This week: Harvey Milk SFO, Zurich clears the sky and more

This week has been another interesting one with quite a range of different airport news. Berlin got mentioned a couple times again, then San Francisco was in with an interesting and maybe slightly controversial idea, Stansted also had a busy week and Zurich was put to the test whilst Chicago received some disturbing freight.

Enough of the cryptic language, let’s get right into it. Berlin got mentioned twice this week and neither news was particularly good. Well, the first one maybe, if we’re cheeky. It was when the Financial Times announced that the chief executive of Berlin’s airport operating company, Rainer Schwarz, has left his post just over a week after the revelation that the opening of the German capital’s showcase international gateway would have to be postponed a fourth time, to at least 2014. 2014? No, no, it’s actually going to be 2015 or later as Reuters stated in an article on Thursday. “I expect it more likely to be 2015,” the airport’s technical director Horst Amann, who took office last August, was quoted.

Quite a storm caused the idea of renaming San Francisco’s airport (SFO) to “Harvey Milk San Francisco International Airport” this week. CNN wrote that Harvey Milk, a San Francisco supervisor, was one of the first openly gay politicians in the United States when he and San Francisco Mayor George Moscone were killed by former supervisor Dan White at City Hall in 1978. The name change could become a reality if a San Francisco lawmaker has his way, the article continued.

In Europe, Zurich airport (ZRH) was put to the test this week when, according to Bloomberg, the airport airport halted all air traffic on Wednesday morning after a fire alarm at an air traffic controllers’ office in Duebendorf, Switzerland. The Swiss German newspaper Tages-Anzeiger was able to explain what happened as apparently a tape transmitting the evacuation message kicked in unprompted and caused the extreme scenario known as “clear the sky”.

Over in London the result of something that was in the making for a while was announced yesterday in the Guardian: Stansted airport (STN) is to be sold for £1.5bn to Manchester Airports Group. The article continued by saying that the sale of UK’s third largest air hub by the company formerly known as BAA was demanded by Competition Commission in July 2011 (we wrote about it several times).

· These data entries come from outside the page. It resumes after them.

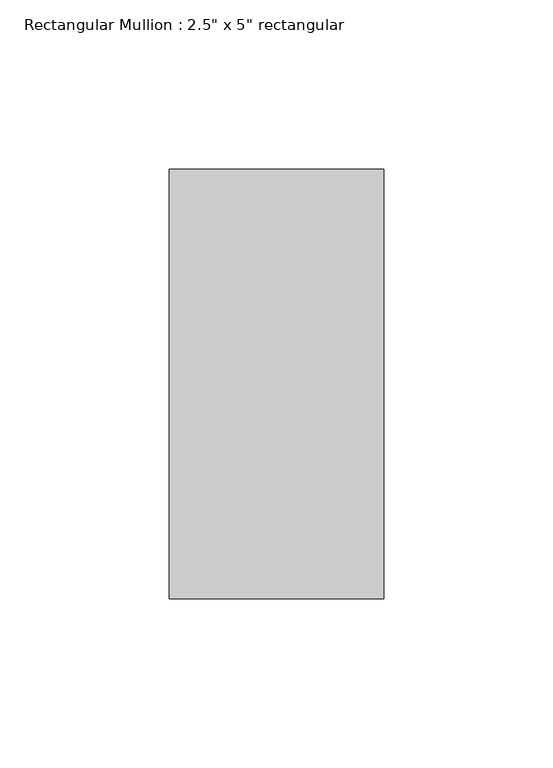
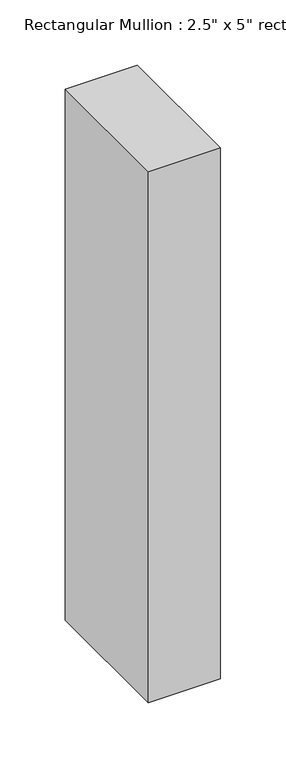
"""IFC4 building model written with IfcOpenShell, lengths in millimetres: member geometry."""

from ifc_helpers import new_model, si_unit, frame, origin, place, context, project, spatial, polyline, outline, extrude, source, transform, mapped, element, save


def member_9ab3e039(model_context):
    return source(origin(), model_context, "Body", "SweptSolid", [
        extrude(outline(polyline([(31.75, 63.5), (31.75, -63.5), (-31.75, -63.5), (-31.75, 63.5), (31.75, 63.5)])), frame((0.0, 0.0, -495.3), z_axis=(0.0, 0.0, 1.0), x_axis=(1.0, 0.0, 0.0)), (0.0, 0.0, 1.0), 495.3),
    ])


if __name__ == "__main__":
    model = new_model("IFC4")
    model_context = context("Model", 3, world=origin())
    ifc_project = project(units=[si_unit("LENGTHUNIT", "METRE", prefix="MILLI")], contexts=[model_context])
    site = spatial("IfcSite", under=ifc_project)
    building = spatial("IfcBuilding", under=site)
    placement = place(None, origin())
    member_shape = member_9ab3e039(model_context)
    element("IfcMember", 1, ObjectType="Rectangular Mullion : 2.5\" x 5\" rectangular", at=placement, inside=building, context=model_context, shape_type="MappedRepresentation", body=[
        mapped(member_shape, transform((0.0, 0.0, 0.0), x_axis=(1.0, 0.0, 0.0), y_axis=(0.0, 1.0, 0.0), z_axis=(0.0, 0.0, 1.0))),
    ])
    save(model, "model.ifc")

# Revit data of these elements
# Type "Rectangular Mullion : 2.5\" x 5\" rectangular"
#   built-in parameter 1007304 = 0.416667 (stored number, unit not read)
#   built-in parameter 1007301 = 0.104167 (stored number, unit not read)
#   built-in parameter 1007300 = 0.104167 (stored number, unit not read)
# Element 1 (IfcMember, "Rectangular Mullion : 2.5\" x 5\" rectangular")
#   Materials on its faces: "Aluminum"
# Materials
#   "Aluminum": class "Metal", colour RGB 247 247 247, transparency 0, Description = "Aluminum 6061", Cost = 0
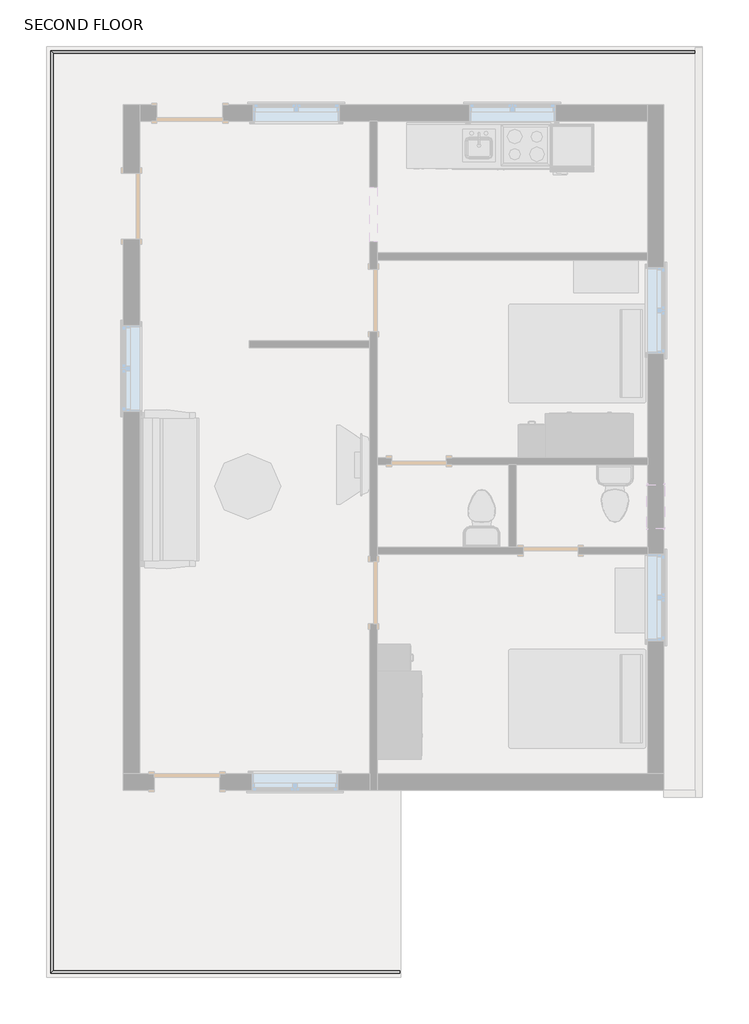
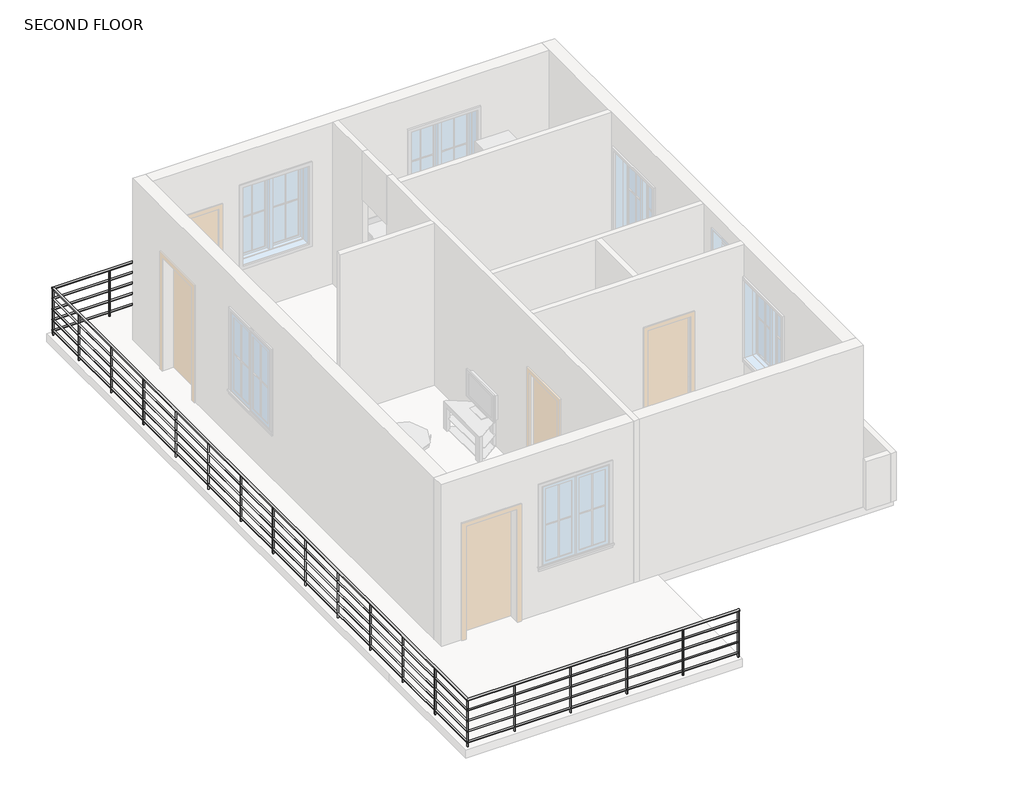
# One storey, part 2 of 3: 1 railing.
"""IFC4 building model written with IfcOpenShell, lengths in millimetres."""

from ifc_helpers import new_model, si_unit, point, frame, frame_2d, origin, place, context, project, spatial, circle_curve, ellipse_curve, trimmed, segment, composite_curve, outline, extrude, element, save
from ifc_brep_helpers import plane_surface, cylinder_surface, advanced_brep

model = new_model("IFC4")

# Units and contexts
model_context = context("Model", 3, world=origin())
ifc_project = project(units=[si_unit("LENGTHUNIT", "METRE", prefix="MILLI")], contexts=[model_context])

# Site, building, storey
site = spatial("IfcSite", under=ifc_project)
building = spatial("IfcBuilding", under=site)
storey = spatial("IfcBuildingStorey", under=building, Name="SECOND FLOOR", Elevation=6400.8)

# Railing
placement = place(None, origin())
element("IfcRailing", 1, ObjectType="900mm Pipe", at=placement, inside=storey, context=model_context, shape_type="SolidModel", body=[
    advanced_brep(
    [(200.9145071, -6925.6741001, 7280.8), (200.9145071, -6965.6741001, 7280.8), (-4655.4544048, -6965.6741001, 7280.8), (-4615.4544048, -6925.6741001, 7280.8), (-4655.4544048, 5865.7351347, 7280.8), (-4615.4544048, 5825.7351347, 7280.8), (4406.9455952, 5825.7351347, 7280.8), (4406.9455952, 5865.7351347, 7280.8)],
    [
        (0, 1, circle_curve(frame((200.9145071, -6945.6741001, 7280.8), z_axis=(1.0, 0.0, 0.0), x_axis=(0.0, -1.0, 0.0)), 20.0)),
        (1, 0, circle_curve(frame((200.9145071, -6945.6741001, 7280.8), z_axis=(1.0, 0.0, 0.0), x_axis=(0.0, -1.0, 0.0)), 20.0)),
        (1, 2),
        (2, 3, ellipse_curve(frame((-4635.4544048, -6945.6741001, 7280.8), z_axis=(0.7071067811865458, -0.7071067811865492, 0.0), x_axis=(0.7071067811865492, 0.7071067811865458, 0.0)), 28.2842712, 20.0)),
        (3, 0),
        (3, 2, ellipse_curve(frame((-4635.4544048, -6945.6741001, 7280.8), z_axis=(0.7071067811865458, -0.7071067811865492, 0.0), x_axis=(0.7071067811865492, 0.7071067811865458, 0.0)), 28.2842712, 20.0)),
        (2, 4),
        (4, 5, ellipse_curve(frame((-4635.4544048, 5845.7351347, 7280.8), z_axis=(-0.7071067811865491, -0.7071067811865459, 0.0), x_axis=(0.7071067811865458, -0.7071067811865491, 0.0)), 28.2842712, 20.0)),
        (5, 3),
        (5, 4, ellipse_curve(frame((-4635.4544048, 5845.7351347, 7280.8), z_axis=(-0.7071067811865491, -0.7071067811865459, 0.0), x_axis=(0.7071067811865458, -0.7071067811865491, 0.0)), 28.2842712, 20.0)),
        (6, 7, circle_curve(frame((4406.9455952, 5845.7351347, 7280.8), z_axis=(1.0, 0.0, 0.0), x_axis=(0.0, 1.0, 0.0)), 20.0)),
        (7, 6, circle_curve(frame((4406.9455952, 5845.7351347, 7280.8), z_axis=(1.0, 0.0, 0.0), x_axis=(0.0, 1.0, 0.0)), 20.0)),
        (4, 7),
        (6, 5),
    ],
    [
        plane_surface(frame((200.9145071, -6945.6741001, 7300.8), z_axis=(1.0, 0.0, 0.0), x_axis=(0.0, -1.0, 0.0))),
        cylinder_surface(frame((200.9145071, -6945.6741001, 7280.8), z_axis=(1.0, 0.0, 0.0), x_axis=(0.0, -1.0, 0.0)), 20.0),
        cylinder_surface(frame((-4635.4544048, -6945.6741001, 7280.8), z_axis=(0.0, -1.0, 0.0), x_axis=(-1.0, 0.0, 0.0)), 20.0),
        plane_surface(frame((4406.9455952, 5845.7351347, 7300.8), z_axis=(1.0, 0.0, 0.0), x_axis=(0.0, 1.0, 0.0))),
        cylinder_surface(frame((-4635.4544048, 5845.7351347, 7280.8), z_axis=(-1.0, 0.0, 0.0), x_axis=(0.0, 1.0, 0.0)), 20.0),
    ],
    [
        (0, [[1, 2]]),
        (1, [[-2, 3, 4, 5]]),
        (1, [[-1, -5, 6, -3]]),
        (2, [[-4, 7, 8, 9]]),
        (2, [[-6, -9, 10, -7]]),
        (3, [[11, 12]]),
        (4, [[-8, 13, -11, 14]]),
        (4, [[-10, -14, -12, -13]]),
    ],
),
    advanced_brep(
    [(200.9145071, -6960.6741001, 7085.8), (200.9145071, -6930.6741001, 7085.8), (4406.9455952, 5860.7351347, 7085.8), (4406.9455952, 5830.7351347, 7085.8), (-4650.4544048, -6960.6741001, 7085.8), (-4620.4544048, -6930.6741001, 7085.8), (-4650.4544048, 5860.7351347, 7085.8), (-4620.4544048, 5830.7351347, 7085.8)],
    [
        (0, 1, circle_curve(frame((200.9145071, -6945.6741001, 7085.8), z_axis=(1.0, 0.0, 0.0), x_axis=(0.0, 1.0, 0.0)), 15.0)),
        (1, 0, circle_curve(frame((200.9145071, -6945.6741001, 7085.8), z_axis=(1.0, 0.0, 0.0), x_axis=(0.0, 1.0, 0.0)), 15.0)),
        (2, 3, circle_curve(frame((4406.9455952, 5845.7351347, 7085.8), z_axis=(1.0, 0.0, 0.0), x_axis=(0.0, -1.0, 0.0)), 15.0)),
        (3, 2, circle_curve(frame((4406.9455952, 5845.7351347, 7085.8), z_axis=(1.0, 0.0, 0.0), x_axis=(0.0, -1.0, 0.0)), 15.0)),
        (0, 4),
        (4, 5, ellipse_curve(frame((-4635.4544048, -6945.6741001, 7085.8), z_axis=(0.7071067811865458, -0.7071067811865492, 0.0), x_axis=(0.7071067811865492, 0.7071067811865458, 0.0)), 21.2132034, 15.0)),
        (5, 1),
        (5, 4, ellipse_curve(frame((-4635.4544048, -6945.6741001, 7085.8), z_axis=(0.7071067811865458, -0.7071067811865492, 0.0), x_axis=(0.7071067811865492, 0.7071067811865458, 0.0)), 21.2132034, 15.0)),
        (4, 6),
        (6, 7, ellipse_curve(frame((-4635.4544048, 5845.7351347, 7085.8), z_axis=(-0.7071067811865491, -0.7071067811865459, 0.0), x_axis=(0.7071067811865458, -0.7071067811865491, 0.0)), 21.2132034, 15.0)),
        (7, 5),
        (7, 6, ellipse_curve(frame((-4635.4544048, 5845.7351347, 7085.8), z_axis=(-0.7071067811865491, -0.7071067811865459, 0.0), x_axis=(0.7071067811865458, -0.7071067811865491, 0.0)), 21.2132034, 15.0)),
        (6, 2),
        (3, 7),
    ],
    [
        plane_surface(frame((200.9145071, -6945.6741001, 7100.8), z_axis=(1.0, 0.0, 0.0), x_axis=(0.0, -1.0, 0.0))),
        plane_surface(frame((4406.9455952, 5845.7351347, 7100.8), z_axis=(1.0, 0.0, 0.0), x_axis=(0.0, 1.0, 0.0))),
        cylinder_surface(frame((200.9145071, -6945.6741001, 7085.8), z_axis=(1.0, 0.0, 0.0), x_axis=(0.0, 1.0, 0.0)), 15.0),
        cylinder_surface(frame((-4635.4544048, -6945.6741001, 7085.8), z_axis=(0.0, -1.0, 0.0), x_axis=(1.0, 0.0, 0.0)), 15.0),
        cylinder_surface(frame((-4635.4544048, 5845.7351347, 7085.8), z_axis=(-1.0, 0.0, 0.0), x_axis=(0.0, -1.0, 0.0)), 15.0),
    ],
    [
        (0, [[1, 2]]),
        (1, [[3, 4]]),
        (2, [[-1, 5, 6, 7]]),
        (2, [[-2, -7, 8, -5]]),
        (3, [[-6, 9, 10, 11]]),
        (3, [[-8, -11, 12, -9]]),
        (4, [[-10, 13, -4, 14]]),
        (4, [[-12, -14, -3, -13]]),
    ],
),
    advanced_brep(
    [(200.9145071, -6960.6741001, 6885.8), (200.9145071, -6930.6741001, 6885.8), (4406.9455952, 5860.7351347, 6885.8), (4406.9455952, 5830.7351347, 6885.8), (-4650.4544048, -6960.6741001, 6885.8), (-4620.4544048, -6930.6741001, 6885.8), (-4650.4544048, 5860.7351347, 6885.8), (-4620.4544048, 5830.7351347, 6885.8)],
    [
        (0, 1, circle_curve(frame((200.9145071, -6945.6741001, 6885.8), z_axis=(1.0, 0.0, 0.0), x_axis=(0.0, 1.0, 0.0)), 15.0)),
        (1, 0, circle_curve(frame((200.9145071, -6945.6741001, 6885.8), z_axis=(1.0, 0.0, 0.0), x_axis=(0.0, 1.0, 0.0)), 15.0)),
        (2, 3, circle_curve(frame((4406.9455952, 5845.7351347, 6885.8), z_axis=(1.0, 0.0, 0.0), x_axis=(0.0, -1.0, 0.0)), 15.0)),
        (3, 2, circle_curve(frame((4406.9455952, 5845.7351347, 6885.8), z_axis=(1.0, 0.0, 0.0), x_axis=(0.0, -1.0, 0.0)), 15.0)),
        (0, 4),
        (4, 5, ellipse_curve(frame((-4635.4544048, -6945.6741001, 6885.8), z_axis=(0.7071067811865458, -0.7071067811865492, 0.0), x_axis=(0.7071067811865492, 0.7071067811865458, 0.0)), 21.2132034, 15.0)),
        (5, 1),
        (5, 4, ellipse_curve(frame((-4635.4544048, -6945.6741001, 6885.8), z_axis=(0.7071067811865458, -0.7071067811865492, 0.0), x_axis=(0.7071067811865492, 0.7071067811865458, 0.0)), 21.2132034, 15.0)),
        (4, 6),
        (6, 7, ellipse_curve(frame((-4635.4544048, 5845.7351347, 6885.8), z_axis=(-0.7071067811865491, -0.7071067811865459, 0.0), x_axis=(0.7071067811865458, -0.7071067811865491, 0.0)), 21.2132034, 15.0)),
        (7, 5),
        (7, 6, ellipse_curve(frame((-4635.4544048, 5845.7351347, 6885.8), z_axis=(-0.7071067811865491, -0.7071067811865459, 0.0), x_axis=(0.7071067811865458, -0.7071067811865491, 0.0)), 21.2132034, 15.0)),
        (6, 2),
        (3, 7),
    ],
    [
        plane_surface(frame((200.9145071, -6945.6741001, 6900.8), z_axis=(1.0, 0.0, 0.0), x_axis=(0.0, -1.0, 0.0))),
        plane_surface(frame((4406.9455952, 5845.7351347, 6900.8), z_axis=(1.0, 0.0, 0.0), x_axis=(0.0, 1.0, 0.0))),
        cylinder_surface(frame((200.9145071, -6945.6741001, 6885.8), z_axis=(1.0, 0.0, 0.0), x_axis=(0.0, 1.0, 0.0)), 15.0),
        cylinder_surface(frame((-4635.4544048, -6945.6741001, 6885.8), z_axis=(0.0, -1.0, 0.0), x_axis=(1.0, 0.0, 0.0)), 15.0),
        cylinder_surface(frame((-4635.4544048, 5845.7351347, 6885.8), z_axis=(-1.0, 0.0, 0.0), x_axis=(0.0, -1.0, 0.0)), 15.0),
    ],
    [
        (0, [[1, 2]]),
        (1, [[3, 4]]),
        (2, [[-1, 5, 6, 7]]),
        (2, [[-2, -7, 8, -5]]),
        (3, [[-6, 9, 10, 11]]),
        (3, [[-8, -11, 12, -9]]),
        (4, [[-10, 13, -4, 14]]),
        (4, [[-12, -14, -3, -13]]),
    ],
),
    advanced_brep(
    [(200.9145071, -6960.6741001, 6685.8), (200.9145071, -6930.6741001, 6685.8), (-4650.4544048, -6960.6741001, 6685.8), (-4620.4544048, -6930.6741001, 6685.8), (-4650.4544048, 5860.7351347, 6685.8), (-4620.4544048, 5830.7351347, 6685.8), (4406.9455952, 5860.7351347, 6685.8), (4406.9455952, 5830.7351347, 6685.8)],
    [
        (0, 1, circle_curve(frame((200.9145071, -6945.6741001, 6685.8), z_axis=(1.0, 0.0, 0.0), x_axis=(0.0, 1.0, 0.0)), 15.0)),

And to finish the week off, we have something that came from ABC News. You may want to stop reading on if you’re the lighthearted typ. A shipment of 18 human heads, still covered in skin, was held at Chicago O’Hare International Airport (ORD) by U.S. Customs and Border Patrol. Customs officials halted the heads for investigation before handing them over to the Cook County Medical Examiner’s office. Apparently there was a problem with the paper work. Right. But Tony Brucci, chief of investigations at the medical examiner’s office, was quoted saying “This isn’t as strange as it sounds, people ship body parts to universities and hospitals all the time, we just don’t usually hear much about it”. And we think that’s probably a good thing!

That’s it for this week – safe travels!